Intenta publicar el esquema de lo que estás haciendo,    no somos adivinos  

Sal U2


----------



## victori (Sep 16, 2015)

Esto es algo de lo que estoy haciendo de mi detector de objetos ascendente y descendente a una distancia de un metro. A las dos señales "IDA" y "REGRESO" primero las amplifico con un transistor cada una para que puedan trabajar las puertas logicas. Las dificultades son las siguientes: 
1. En el protoboard en contador no mantiene el ultimo numero en que estaba contando cuando pasa de un alto a un bajo.
2. Estoy teniendo problemas con la distancia de un metro a la cual tiene que sensar estoy trabajando con dos sensores que son:  con 2 láser(EMISORES) y 2 ldr(RECEPTORES).
3. Es que cuando pasa el objeto tiene que pasar x los dos sensores y si va de "ida" solo tiene que contar ascendente y si va de regreso solo tiene que contar descendente pero el movimiento del objeto tiene que pasar x los dos sensores. Alguien que me pueda ayudar o de la manera que lo estoy haciendo no es correcto. Alguien que me ayude con el esquema o simulado. Lo necesito de urgencia. Mi proyeco es casi parecido a uno en youtube solo que el utiliza led infrarrojos y trabaja a una distancia max de 3 cm.

este es mi simulado en proteus

en youtube pueden encontrar uno parecido con el siguiente nombre "CONTADOR CON INFRARROJO, ASCENDENTE Y DESCENDENTE, INTECAP" dura  1:31


----------



## MrCarlos (Sep 16, 2015)

Hola victori

Creo que hay que separar los problemas que tienes y solucionarlos uno por uno.

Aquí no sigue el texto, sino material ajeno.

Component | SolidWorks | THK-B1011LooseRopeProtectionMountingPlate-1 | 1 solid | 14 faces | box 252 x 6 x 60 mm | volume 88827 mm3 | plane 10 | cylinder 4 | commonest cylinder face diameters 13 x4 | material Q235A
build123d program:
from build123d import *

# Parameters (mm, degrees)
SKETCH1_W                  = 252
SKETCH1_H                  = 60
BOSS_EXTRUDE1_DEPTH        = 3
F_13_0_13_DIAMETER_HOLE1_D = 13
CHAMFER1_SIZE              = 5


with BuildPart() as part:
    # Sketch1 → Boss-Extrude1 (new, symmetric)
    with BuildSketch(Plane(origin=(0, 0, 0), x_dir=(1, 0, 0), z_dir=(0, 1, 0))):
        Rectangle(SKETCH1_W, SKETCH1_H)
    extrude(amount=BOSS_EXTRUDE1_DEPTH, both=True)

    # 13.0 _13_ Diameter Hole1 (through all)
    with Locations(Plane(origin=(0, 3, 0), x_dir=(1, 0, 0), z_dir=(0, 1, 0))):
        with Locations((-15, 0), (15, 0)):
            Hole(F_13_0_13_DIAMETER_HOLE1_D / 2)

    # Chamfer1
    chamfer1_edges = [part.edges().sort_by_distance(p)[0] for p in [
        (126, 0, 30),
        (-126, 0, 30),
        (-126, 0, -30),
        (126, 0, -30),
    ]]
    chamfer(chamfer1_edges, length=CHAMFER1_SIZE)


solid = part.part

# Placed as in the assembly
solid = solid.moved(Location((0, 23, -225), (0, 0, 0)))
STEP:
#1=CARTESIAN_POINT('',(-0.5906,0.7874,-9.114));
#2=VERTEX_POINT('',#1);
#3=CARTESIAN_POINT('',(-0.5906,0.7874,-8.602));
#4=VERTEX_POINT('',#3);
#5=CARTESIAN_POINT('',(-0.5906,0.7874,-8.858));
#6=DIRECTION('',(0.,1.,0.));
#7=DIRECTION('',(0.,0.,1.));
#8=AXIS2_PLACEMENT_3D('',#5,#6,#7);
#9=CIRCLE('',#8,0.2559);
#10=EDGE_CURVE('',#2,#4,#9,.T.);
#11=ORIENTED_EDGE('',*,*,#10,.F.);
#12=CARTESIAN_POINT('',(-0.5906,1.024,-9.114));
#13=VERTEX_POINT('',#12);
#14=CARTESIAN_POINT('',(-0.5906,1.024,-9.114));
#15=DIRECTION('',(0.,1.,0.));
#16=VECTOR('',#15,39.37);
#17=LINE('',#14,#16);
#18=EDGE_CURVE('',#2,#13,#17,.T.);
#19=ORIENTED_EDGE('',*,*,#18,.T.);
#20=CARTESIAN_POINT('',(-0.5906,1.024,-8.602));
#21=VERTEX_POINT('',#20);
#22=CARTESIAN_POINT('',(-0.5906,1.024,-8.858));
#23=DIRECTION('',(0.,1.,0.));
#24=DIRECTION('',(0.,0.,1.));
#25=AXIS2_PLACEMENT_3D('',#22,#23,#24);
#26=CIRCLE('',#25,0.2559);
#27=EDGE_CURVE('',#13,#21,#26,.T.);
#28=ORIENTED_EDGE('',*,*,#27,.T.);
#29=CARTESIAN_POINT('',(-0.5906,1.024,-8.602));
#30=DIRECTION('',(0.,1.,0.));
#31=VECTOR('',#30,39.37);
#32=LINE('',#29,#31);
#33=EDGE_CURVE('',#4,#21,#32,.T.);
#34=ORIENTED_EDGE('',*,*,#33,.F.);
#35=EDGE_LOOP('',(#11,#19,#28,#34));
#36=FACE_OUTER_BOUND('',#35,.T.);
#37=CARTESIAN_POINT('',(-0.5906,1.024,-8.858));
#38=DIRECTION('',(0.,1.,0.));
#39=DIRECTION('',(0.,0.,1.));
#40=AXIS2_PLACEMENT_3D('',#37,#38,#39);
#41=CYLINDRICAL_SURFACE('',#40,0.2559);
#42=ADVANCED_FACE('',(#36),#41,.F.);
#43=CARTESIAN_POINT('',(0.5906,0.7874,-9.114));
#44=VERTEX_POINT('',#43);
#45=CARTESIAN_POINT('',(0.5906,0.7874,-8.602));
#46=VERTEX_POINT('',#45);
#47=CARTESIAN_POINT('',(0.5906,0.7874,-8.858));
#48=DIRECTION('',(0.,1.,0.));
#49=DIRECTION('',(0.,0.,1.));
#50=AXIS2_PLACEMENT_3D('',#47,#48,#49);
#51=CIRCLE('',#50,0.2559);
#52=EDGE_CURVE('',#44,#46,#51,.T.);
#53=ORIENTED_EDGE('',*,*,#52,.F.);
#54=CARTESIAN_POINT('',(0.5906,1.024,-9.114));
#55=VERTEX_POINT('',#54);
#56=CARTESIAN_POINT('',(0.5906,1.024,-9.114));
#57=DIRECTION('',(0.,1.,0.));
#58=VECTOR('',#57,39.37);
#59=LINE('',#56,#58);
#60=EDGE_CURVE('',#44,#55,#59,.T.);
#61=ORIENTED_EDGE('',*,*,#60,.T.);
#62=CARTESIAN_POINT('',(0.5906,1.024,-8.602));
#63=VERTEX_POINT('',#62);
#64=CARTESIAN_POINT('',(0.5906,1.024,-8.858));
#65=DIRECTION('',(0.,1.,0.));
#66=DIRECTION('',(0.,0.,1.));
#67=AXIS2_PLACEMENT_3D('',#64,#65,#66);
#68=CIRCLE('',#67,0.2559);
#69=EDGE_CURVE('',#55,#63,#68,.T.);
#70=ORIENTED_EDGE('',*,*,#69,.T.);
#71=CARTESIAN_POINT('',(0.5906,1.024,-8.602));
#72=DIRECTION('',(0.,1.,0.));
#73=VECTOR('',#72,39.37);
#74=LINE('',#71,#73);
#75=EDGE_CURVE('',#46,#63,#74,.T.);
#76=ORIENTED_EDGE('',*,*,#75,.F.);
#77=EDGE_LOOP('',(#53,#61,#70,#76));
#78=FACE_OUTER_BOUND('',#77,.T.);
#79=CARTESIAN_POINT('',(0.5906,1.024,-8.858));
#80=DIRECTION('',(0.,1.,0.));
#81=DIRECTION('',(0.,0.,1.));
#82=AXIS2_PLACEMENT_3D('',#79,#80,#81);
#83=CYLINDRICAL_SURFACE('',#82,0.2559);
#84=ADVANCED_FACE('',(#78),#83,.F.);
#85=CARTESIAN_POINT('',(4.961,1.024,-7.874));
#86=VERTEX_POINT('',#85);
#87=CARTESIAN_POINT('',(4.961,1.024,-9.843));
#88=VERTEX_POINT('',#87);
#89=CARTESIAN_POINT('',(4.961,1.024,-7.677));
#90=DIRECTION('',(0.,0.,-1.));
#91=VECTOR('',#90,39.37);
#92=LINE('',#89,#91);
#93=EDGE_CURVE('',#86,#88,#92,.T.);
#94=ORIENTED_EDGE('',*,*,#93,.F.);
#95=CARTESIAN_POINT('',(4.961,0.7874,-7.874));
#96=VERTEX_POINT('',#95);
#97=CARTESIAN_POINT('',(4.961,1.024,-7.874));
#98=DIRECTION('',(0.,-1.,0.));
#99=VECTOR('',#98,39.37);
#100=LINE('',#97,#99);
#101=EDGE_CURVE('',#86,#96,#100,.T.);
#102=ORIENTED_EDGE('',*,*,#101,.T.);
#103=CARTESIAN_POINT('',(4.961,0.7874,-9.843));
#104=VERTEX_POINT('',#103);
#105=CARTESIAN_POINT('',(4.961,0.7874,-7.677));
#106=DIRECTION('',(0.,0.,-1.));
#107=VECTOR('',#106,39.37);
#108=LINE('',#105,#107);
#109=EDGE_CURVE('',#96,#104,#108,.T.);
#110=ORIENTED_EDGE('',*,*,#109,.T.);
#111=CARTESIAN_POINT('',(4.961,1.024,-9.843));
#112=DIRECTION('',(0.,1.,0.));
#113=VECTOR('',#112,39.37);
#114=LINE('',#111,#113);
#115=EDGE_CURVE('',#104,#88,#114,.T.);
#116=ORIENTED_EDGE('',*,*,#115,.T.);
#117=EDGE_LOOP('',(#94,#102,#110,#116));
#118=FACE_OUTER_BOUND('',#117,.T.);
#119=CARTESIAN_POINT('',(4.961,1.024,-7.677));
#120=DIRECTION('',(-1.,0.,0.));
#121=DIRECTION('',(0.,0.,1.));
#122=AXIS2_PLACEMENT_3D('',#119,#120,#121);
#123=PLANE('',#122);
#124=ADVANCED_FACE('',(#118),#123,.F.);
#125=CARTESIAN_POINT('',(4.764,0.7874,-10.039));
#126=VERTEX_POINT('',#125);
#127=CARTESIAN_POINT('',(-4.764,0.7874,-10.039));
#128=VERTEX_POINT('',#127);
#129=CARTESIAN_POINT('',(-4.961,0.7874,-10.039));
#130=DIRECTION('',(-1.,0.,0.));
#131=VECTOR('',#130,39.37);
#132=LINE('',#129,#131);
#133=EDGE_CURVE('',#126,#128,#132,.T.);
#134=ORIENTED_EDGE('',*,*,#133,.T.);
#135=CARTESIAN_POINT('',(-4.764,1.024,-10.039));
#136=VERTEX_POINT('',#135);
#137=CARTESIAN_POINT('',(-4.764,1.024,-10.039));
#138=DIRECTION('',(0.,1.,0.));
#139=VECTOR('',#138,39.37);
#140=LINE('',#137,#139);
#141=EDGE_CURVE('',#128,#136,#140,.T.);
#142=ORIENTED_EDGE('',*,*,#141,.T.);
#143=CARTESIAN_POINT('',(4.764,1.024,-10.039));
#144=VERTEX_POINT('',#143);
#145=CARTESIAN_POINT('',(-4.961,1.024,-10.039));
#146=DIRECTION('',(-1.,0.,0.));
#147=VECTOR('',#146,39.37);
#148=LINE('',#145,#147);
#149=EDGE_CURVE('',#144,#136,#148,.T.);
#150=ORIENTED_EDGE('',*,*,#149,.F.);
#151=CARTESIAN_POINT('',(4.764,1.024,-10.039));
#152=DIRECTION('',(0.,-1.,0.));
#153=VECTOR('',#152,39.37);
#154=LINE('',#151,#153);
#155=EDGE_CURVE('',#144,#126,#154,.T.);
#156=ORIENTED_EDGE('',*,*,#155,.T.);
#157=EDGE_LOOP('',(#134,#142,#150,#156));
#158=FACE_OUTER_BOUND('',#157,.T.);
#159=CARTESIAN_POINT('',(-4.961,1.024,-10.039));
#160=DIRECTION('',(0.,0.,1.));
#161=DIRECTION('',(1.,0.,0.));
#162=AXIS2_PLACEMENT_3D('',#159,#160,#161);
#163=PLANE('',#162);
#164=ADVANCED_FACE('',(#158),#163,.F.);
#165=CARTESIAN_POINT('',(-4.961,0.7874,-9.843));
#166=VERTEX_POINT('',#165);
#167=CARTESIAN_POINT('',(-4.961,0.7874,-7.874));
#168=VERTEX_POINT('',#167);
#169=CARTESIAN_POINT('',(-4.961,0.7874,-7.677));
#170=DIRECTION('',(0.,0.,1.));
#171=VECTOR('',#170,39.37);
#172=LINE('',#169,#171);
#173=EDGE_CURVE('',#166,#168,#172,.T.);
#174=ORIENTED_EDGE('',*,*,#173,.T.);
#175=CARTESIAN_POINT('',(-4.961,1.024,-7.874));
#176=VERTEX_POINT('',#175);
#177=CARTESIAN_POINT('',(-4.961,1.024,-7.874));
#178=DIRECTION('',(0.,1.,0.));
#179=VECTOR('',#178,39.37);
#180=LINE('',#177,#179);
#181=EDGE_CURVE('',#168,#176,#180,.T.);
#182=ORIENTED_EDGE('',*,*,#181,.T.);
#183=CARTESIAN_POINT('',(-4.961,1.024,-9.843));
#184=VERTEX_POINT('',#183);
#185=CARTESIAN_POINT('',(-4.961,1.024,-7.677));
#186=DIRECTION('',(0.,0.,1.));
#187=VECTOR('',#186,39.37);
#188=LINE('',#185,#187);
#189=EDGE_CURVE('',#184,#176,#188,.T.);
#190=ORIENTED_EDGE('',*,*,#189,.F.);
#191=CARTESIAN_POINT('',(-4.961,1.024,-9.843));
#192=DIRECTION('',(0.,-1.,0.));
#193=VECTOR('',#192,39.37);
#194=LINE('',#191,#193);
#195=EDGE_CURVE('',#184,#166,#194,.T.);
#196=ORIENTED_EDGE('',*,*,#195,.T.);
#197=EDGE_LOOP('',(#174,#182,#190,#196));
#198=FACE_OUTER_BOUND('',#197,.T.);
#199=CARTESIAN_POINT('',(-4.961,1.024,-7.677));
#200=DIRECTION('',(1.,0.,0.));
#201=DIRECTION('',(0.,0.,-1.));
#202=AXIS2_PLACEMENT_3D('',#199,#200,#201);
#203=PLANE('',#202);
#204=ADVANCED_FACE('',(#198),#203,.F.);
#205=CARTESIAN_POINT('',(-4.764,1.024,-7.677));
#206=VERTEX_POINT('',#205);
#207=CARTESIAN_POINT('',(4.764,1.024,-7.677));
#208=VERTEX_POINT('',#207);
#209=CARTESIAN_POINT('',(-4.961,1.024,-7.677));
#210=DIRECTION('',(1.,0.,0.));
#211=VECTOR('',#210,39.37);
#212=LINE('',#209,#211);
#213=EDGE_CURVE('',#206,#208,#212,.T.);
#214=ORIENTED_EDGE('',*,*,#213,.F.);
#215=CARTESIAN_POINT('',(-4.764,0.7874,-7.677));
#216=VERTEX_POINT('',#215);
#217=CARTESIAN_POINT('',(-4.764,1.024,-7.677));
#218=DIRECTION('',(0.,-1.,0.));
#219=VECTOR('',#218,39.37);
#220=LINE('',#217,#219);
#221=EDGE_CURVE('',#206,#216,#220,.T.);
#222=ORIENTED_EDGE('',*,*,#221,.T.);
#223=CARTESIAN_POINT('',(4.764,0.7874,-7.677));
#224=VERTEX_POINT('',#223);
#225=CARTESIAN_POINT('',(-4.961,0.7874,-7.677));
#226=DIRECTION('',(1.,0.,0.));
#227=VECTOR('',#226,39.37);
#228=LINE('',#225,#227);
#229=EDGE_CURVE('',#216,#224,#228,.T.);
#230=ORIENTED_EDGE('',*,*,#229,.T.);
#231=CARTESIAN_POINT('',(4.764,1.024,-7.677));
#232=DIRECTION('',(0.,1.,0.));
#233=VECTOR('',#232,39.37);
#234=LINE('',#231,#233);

*A)-* Trabajar sobre el emisor receptor de luz hasta que funciones correctamente.

En lugar de el LDR que estás utilizando te recomiendo el TFMS (Adjunto Hojas De Datos).

No se que características tenga el emisor de luz que estás utilizando; sería bueno que dijeras cuando menos su número de identificación.

Arma un circuito con un emisor y receptor de luz, de una vez, separados un metro y verifica que funcione bien. Que si la salida del receptor está a nivel bajo cuando incide sobre el rayo de luz, cuando se la obstruyes cambie de nivel una sola vez. Que no existan pulsos.

Puedes agregar a ésta salida un circuito con características de Schmitt Trigger (74LS14).

Cuando funcione bien arma el otro circuito igual a este.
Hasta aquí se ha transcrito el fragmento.